To define relationships right click the cube in BIDS and choose open; then navigate to the Dimension Usage tab. If you click the ellipsis button next to each dimension you will see a screen that allows you to change dimension usage for a particular measure group. You can choose from the following options:
Regular default option; the dimension is joined directly to the fact table
No relationship the dimension is not related to the current measure group
Fact the dimension and fact are derived from a single table. If this is the case your dimensional warehouse has poor design and isn't likely to perform well. Consider separating fact and dimension tables.

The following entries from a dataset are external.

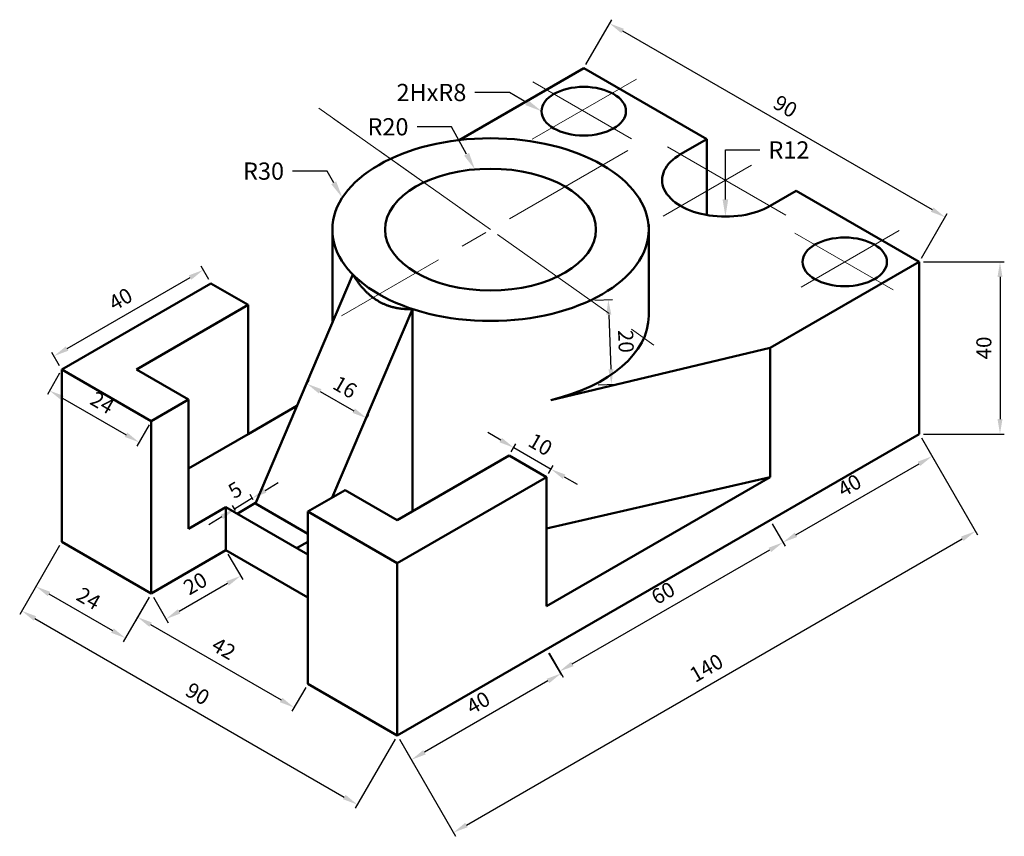
# Model space of a CAD drawing. Units: millimetres. Extents: x 2528 to 2757, y 816 to 1006.
import ezdxf
from ezdxf import colors
from ezdxf.entities.mleader import LeaderData, LeaderLine
from ezdxf.math import Vec2, Vec3

# ---------------------------------------------------------------- set-up
doc = ezdxf.new("R2010")
doc.units = ezdxf.units.MM
doc.linetypes.add('CENTER', pattern=[50.8, 31.75, -6.35, 6.35, -6.35])
for name, color, linetype, lineweight in [('M-CNTR', 4, 'CENTER', 18), ('M-DIMS', 3, 'Continuous', 25), ('M-OUTL', 7, 'Continuous', 50)]:
    doc.layers.add(name, color=color, linetype=linetype, lineweight=lineweight)
doc.styles.get("Standard").update_dxf_attribs({"font": 'arial.ttf'})
doc.dimstyles.new('AM_ISO$0', dxfattribs={"dimtxt": 3.5, "dimasz": 3.5, "dimexe": 1, "dimexo": 1, "dimgap": 1.5, "dimtad": 1, "dimdsep": 46, "dimtxsty": 'Standard', "dimcen": 0, "dimclrd": 256, "dimclre": 256, "dimclrt": 2, "dimadec": 0, "dimazin": 2, "dimtp": 0.1, "dimtm": 0.1, "dimtfac": 0.71, "dimtdec": 3, "dimtmove": 0, "dimatfit": 3, "dimfxl": 1, "dimlwd": -1, "dimlwe": -1, "dimarcsym": 1})

# ---------------------------------------------------------------- blocks, each defined once
blk = doc.blocks.new('*D3')
at = {"layer": 'Defpoints', "color": 0, "transparency": 16777216}
for p in [(2737.05, 909.84), (2750.08, 887.27), (2615.8, 839.84)]:
    blk.add_point(p, dxfattribs=at)
at = {"layer": 'M-DIMS', "color": 0, "linetype": 'ByBlock', "transparency": 16777216}
for p, q in [((2737.55, 908.97), (2750.58, 886.41)), ((2631.86, 819.02), (2747.04, 885.52)), ((2616.3, 838.97), (2629.33, 816.41))]:
    blk.add_line(p, q, dxfattribs=at)
at = {"layer": 'M-DIMS', "color": 0, "transparency": 16777216}
for points in [[(2746.75, 886.03), (2747.34, 885.02), (2750.08, 887.27)], [(2631.57, 819.53), (2632.15, 818.52), (2628.83, 817.27)]]:
    blk.add_solid(points, dxfattribs=at)
at = {"layer": 'M-DIMS', "color": 0, "transparency": 16777216, "insert": (2687.81, 855.12), "char_height": 3.5, "attachment_point": 5, "rotation": 30}
blk.add_mtext('140', dxfattribs=at)
blk = doc.blocks.new('*D4')
at = {"layer": 'Defpoints', "color": 0, "transparency": 16777216}
for p in [(2737.05, 949.84), (2737.05, 909.84), (2755.8, 909.84)]:
    blk.add_point(p, dxfattribs=at)
at = {"layer": 'M-DIMS', "color": 0, "linetype": 'ByBlock', "transparency": 16777216}
for p, q in [((2738.05, 949.84), (2756.8, 949.84)), ((2755.8, 946.34), (2755.8, 913.34)), ((2738.05, 909.84), (2756.8, 909.84))]:
    blk.add_line(p, q, dxfattribs=at)
at = {"layer": 'M-DIMS', "color": 0, "transparency": 16777216}
for points in [[(2755.22, 946.34), (2756.38, 946.34), (2755.8, 949.84)], [(2755.22, 913.34), (2756.38, 913.34), (2755.8, 909.84)]]:
    blk.add_solid(points, dxfattribs=at)
at = {"layer": 'M-DIMS', "color": 0, "transparency": 16777216, "insert": (2752.51, 929.84), "char_height": 3.5, "attachment_point": 5, "rotation": 90}
blk.add_mtext('40', dxfattribs=at)
blk = doc.blocks.new('*D5')
at = {"layer": 'Defpoints', "color": 0, "transparency": 16777216}
for p in [(2537.86, 884.84), (2558.64, 872.84), (2552.64, 862.45)]:
    blk.add_point(p, dxfattribs=at)
at = {"layer": 'M-DIMS', "color": 0, "linetype": 'ByBlock', "transparency": 16777216}
for p, q in [((2537.36, 883.97), (2531.36, 873.58)), ((2534.89, 872.7), (2549.61, 864.2)), ((2558.14, 871.97), (2552.14, 861.58))]:
    blk.add_line(p, q, dxfattribs=at)
at = {"layer": 'M-DIMS', "color": 0, "transparency": 16777216}
for points in [[(2535.18, 873.2), (2534.6, 872.19), (2531.86, 874.45)], [(2549.91, 864.7), (2549.32, 863.69), (2552.64, 862.45)]]:
    blk.add_solid(points, dxfattribs=at)
at = {"layer": 'M-DIMS', "color": 0, "transparency": 16777216, "insert": (2543.88, 871.27), "char_height": 3.5, "attachment_point": 5, "rotation": 330}
blk.add_mtext('24', dxfattribs=at)
blk = doc.blocks.new('*D6')
at = {"layer": 'Defpoints', "color": 0, "transparency": 16777216}
for p in [(2575.97, 882.84), (2558.64, 872.84), (2562.08, 866.89)]:
    blk.add_point(p, dxfattribs=at)
at = {"layer": 'M-DIMS', "color": 0, "linetype": 'ByBlock', "transparency": 16777216}
for p, q in [((2576.47, 881.97), (2579.9, 876.03)), ((2576.37, 875.14), (2565.11, 868.64)), ((2559.14, 871.97), (2562.58, 866.03))]:
    blk.add_line(p, q, dxfattribs=at)
at = {"layer": 'M-DIMS', "color": 0, "transparency": 16777216}
for points in [[(2576.08, 875.65), (2576.66, 874.64), (2579.4, 876.89)], [(2564.82, 869.15), (2565.4, 868.14), (2562.08, 866.89)]]:
    blk.add_solid(points, dxfattribs=at)
at = {"layer": 'M-DIMS', "color": 0, "transparency": 16777216, "insert": (2569.1, 874.74), "char_height": 3.5, "attachment_point": 5, "rotation": 30}
blk.add_mtext('20', dxfattribs=at)
blk = doc.blocks.new('*D7')
at = {"layer": 'Defpoints', "color": 0, "transparency": 16777216}
for p in [(2659.1, 994.84), (2743.05, 960.23), (2737.05, 949.84)]:
    blk.add_point(p, dxfattribs=at)
at = {"layer": 'M-DIMS', "color": 0, "linetype": 'ByBlock', "transparency": 16777216}
for p, q in [((2659.6, 995.71), (2665.6, 1006.1)), ((2668.13, 1003.48), (2740.01, 961.98)), ((2737.55, 950.71), (2743.55, 961.1))]:
    blk.add_line(p, q, dxfattribs=at)
at = {"layer": 'M-DIMS', "color": 0, "transparency": 16777216}
for points in [[(2668.43, 1003.99), (2667.84, 1002.98), (2665.1, 1005.23)], [(2740.31, 962.49), (2739.72, 961.48), (2743.05, 960.23)]]:
    blk.add_solid(points, dxfattribs=at)
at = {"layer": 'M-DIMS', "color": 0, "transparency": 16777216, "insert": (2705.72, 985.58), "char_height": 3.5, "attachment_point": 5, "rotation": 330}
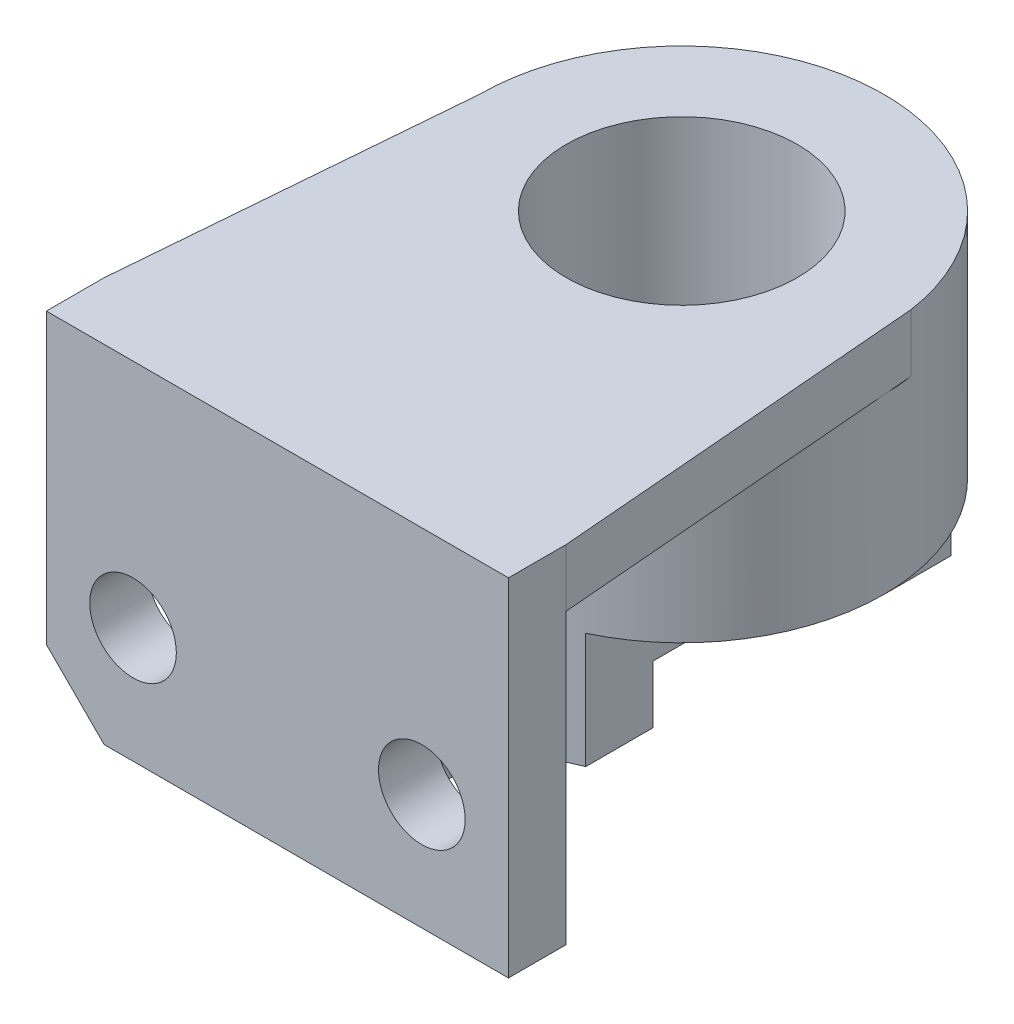
ISO-10303-21;
HEADER;
FILE_DESCRIPTION(('STEP AP214'),'2;1');
FILE_NAME('part.step','',(''),(''),'','','');
FILE_SCHEMA(('AUTOMOTIVE_DESIGN { 1 0 10303 214 1 1 1 1 }'));
ENDSEC;
DATA;
#1=APPLICATION_CONTEXT('core data for automotive mechanical design processes');
#2=APPLICATION_PROTOCOL_DEFINITION('international standard','automotive_design',2000,#1);
#3=PRODUCT_CONTEXT('',#1,'mechanical');
#4=PRODUCT('Part','Part','',(#3));
#5=PRODUCT_RELATED_PRODUCT_CATEGORY('part','',(#4));
#6=PRODUCT_DEFINITION_FORMATION('','',#4);
#7=PRODUCT_DEFINITION_CONTEXT('part definition',#1,'design');
#8=PRODUCT_DEFINITION('design','',#6,#7);
#9=PRODUCT_DEFINITION_SHAPE('','',#8);
#10=(LENGTH_UNIT() NAMED_UNIT(*) SI_UNIT(.MILLI.,.METRE.));
#11=(NAMED_UNIT(*) PLANE_ANGLE_UNIT() SI_UNIT($,.RADIAN.));
#12=(NAMED_UNIT(*) SI_UNIT($,.STERADIAN.) SOLID_ANGLE_UNIT());
#13=UNCERTAINTY_MEASURE_WITH_UNIT(LENGTH_MEASURE(1.E-05),#10,'distance_accuracy_value','');
#14=(GEOMETRIC_REPRESENTATION_CONTEXT(3) GLOBAL_UNCERTAINTY_ASSIGNED_CONTEXT((#13)) GLOBAL_UNIT_ASSIGNED_CONTEXT((#10,
#11,#12)) REPRESENTATION_CONTEXT('',''));
#15=CARTESIAN_POINT('',(0.,0.,0.));
#16=DIRECTION('',(0.,0.,1.));
#17=DIRECTION('',(1.,0.,0.));
#18=AXIS2_PLACEMENT_3D('',#15,#16,#17);
#19=CARTESIAN_POINT('',(40.,10.,-60.));
#20=DIRECTION('',(0.,-1.,0.));
#21=DIRECTION('',(0.,0.,-1.));
#22=AXIS2_PLACEMENT_3D('',#19,#20,#21);
#23=PLANE('',#22);
#24=CARTESIAN_POINT('',(40.,10.,-60.));
#25=DIRECTION('',(0.,-1.,0.));
#26=DIRECTION('',(0.,0.,-1.));
#27=AXIS2_PLACEMENT_3D('',#24,#25,#26);
#28=CIRCLE('',#27,20.);
#29=CARTESIAN_POINT('',(55.,10.,-73.228756555323));
#30=VERTEX_POINT('',#29);
#31=CARTESIAN_POINT('',(55.,10.,-46.771243444677));
#32=VERTEX_POINT('',#31);
#33=EDGE_CURVE('E213',#30,#32,#28,.T.);
#34=ORIENTED_EDGE('',*,*,#33,.F.);
#35=DIRECTION('',(0.,0.,-1.));
#36=VECTOR('',#35,1.);
#37=CARTESIAN_POINT('',(55.,10.,-28.3772233983162));
#38=LINE('',#37,#36);
#39=CARTESIAN_POINT('',(55.,10.,-91.6227766016838));
#40=VERTEX_POINT('',#39);
#41=EDGE_CURVE('E212',#30,#40,#38,.T.);
#42=ORIENTED_EDGE('',*,*,#41,.T.);
#43=CARTESIAN_POINT('',(40.,10.,-60.));
#44=DIRECTION('',(0.,-1.,0.));
#45=DIRECTION('',(0.,0.,-1.));
#46=AXIS2_PLACEMENT_3D('',#43,#44,#45);
#47=CIRCLE('',#46,35.);
#48=CARTESIAN_POINT('',(55.,10.,-28.3772233983162));
#49=VERTEX_POINT('',#48);
#50=EDGE_CURVE('E230',#40,#49,#47,.T.);
#51=ORIENTED_EDGE('',*,*,#50,.T.);
#52=EDGE_CURVE('E217',#49,#32,#38,.T.);
#53=ORIENTED_EDGE('',*,*,#52,.T.);
#54=EDGE_LOOP('',(#34,#42,#51,#53));
#55=FACE_BOUND('',#54,.T.);
#56=ADVANCED_FACE('F50',(#55),#23,.T.);
#57=CARTESIAN_POINT('',(40.,-10.,-60.));
#58=DIRECTION('',(0.,-1.,0.));
#59=DIRECTION('',(0.,0.,-1.));
#60=AXIS2_PLACEMENT_3D('',#57,#58,#59);
#61=PLANE('',#60);
#62=DIRECTION('',(0.,0.,-1.));
#63=VECTOR('',#62,1.);
#64=CARTESIAN_POINT('',(55.,-10.,-28.3772233983162));
#65=LINE('',#64,#63);
#66=CARTESIAN_POINT('',(55.,-10.,-28.3772233983162));
#67=VERTEX_POINT('',#66);
#68=CARTESIAN_POINT('',(55.,-10.,-40.));
#69=VERTEX_POINT('',#68);
#70=EDGE_CURVE('E445',#67,#69,#65,.T.);
#71=ORIENTED_EDGE('',*,*,#70,.F.);
#72=CARTESIAN_POINT('',(40.,-10.,-60.));
#73=DIRECTION('',(0.,-1.,0.));
#74=DIRECTION('',(0.,0.,-1.));
#75=AXIS2_PLACEMENT_3D('',#72,#73,#74);
#76=CIRCLE('',#75,35.);
#77=CARTESIAN_POINT('',(45.0000000000001,-10.,-25.3589838486225));
#78=VERTEX_POINT('',#77);
#79=EDGE_CURVE('E311',#67,#78,#76,.T.);
#80=ORIENTED_EDGE('',*,*,#79,.T.);
#81=DIRECTION('',(0.,0.,1.));
#82=VECTOR('',#81,1.);
#83=CARTESIAN_POINT('',(45.0000000000001,-10.,-25.3589838486225));
#84=LINE('',#83,#82);
#85=CARTESIAN_POINT('',(45.,-10.,0.));
#86=VERTEX_POINT('',#85);
#87=EDGE_CURVE('E288',#78,#86,#84,.T.);
#88=ORIENTED_EDGE('',*,*,#87,.T.);
#89=DIRECTION('',(1.,0.,0.));
#90=VECTOR('',#89,1.);
#91=CARTESIAN_POINT('',(0.,-10.,0.));
#92=LINE('',#91,#90);
#93=CARTESIAN_POINT('',(80.,-10.,0.));
#94=VERTEX_POINT('',#93);
#95=EDGE_CURVE('E282',#86,#94,#92,.T.);
#96=ORIENTED_EDGE('',*,*,#95,.T.);
#97=DIRECTION('',(0.,0.,1.));
#98=VECTOR('',#97,1.);
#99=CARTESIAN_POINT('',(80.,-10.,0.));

Referenced the dimension is joined to an intermediate table prior to being joined to the fact table. Referenced relationship resembles a snowflake dimension, but is slightly different. Suppose you have a customer dimension and a sales fact; you'd like to examine total sales by customer, but you also want to examine line item sales by customer. Instead of duplicating the customer key in the line item fact table you can treat the sales fact as an intermediate table to join customer to line item.
Many-to-many this option involves two fact tables and two dimension tables. Dimension A is joined to an intermediate fact A, which in turn joins to dimension B to which the fact B is joined. Much like with fact option if you need to use many-to-many option your design could probably use some improvement. This type of relationship is sometimes necessary if you are building cubes on top of a relational database that is in 3rd normal form. It is strongly advisable to use a dimensional model with star schema for all cubes. For example you could have two fact tables: vehicles and options; each vehicle can come with a number of options. You're likely to examine vehicle sales by customer, and options by the items that are included in each option. Therefore you would have a customer dimension and item dimension. You could also want to examine vehicles sales by included item. If so the vehicle fact would be joined to the options fact and customer dimension; the options fact would also join to items' dimension.
Data mining target dimension is based on a mining model which is built from a source dimension. Both source dimension and target dimension must be included in the cube.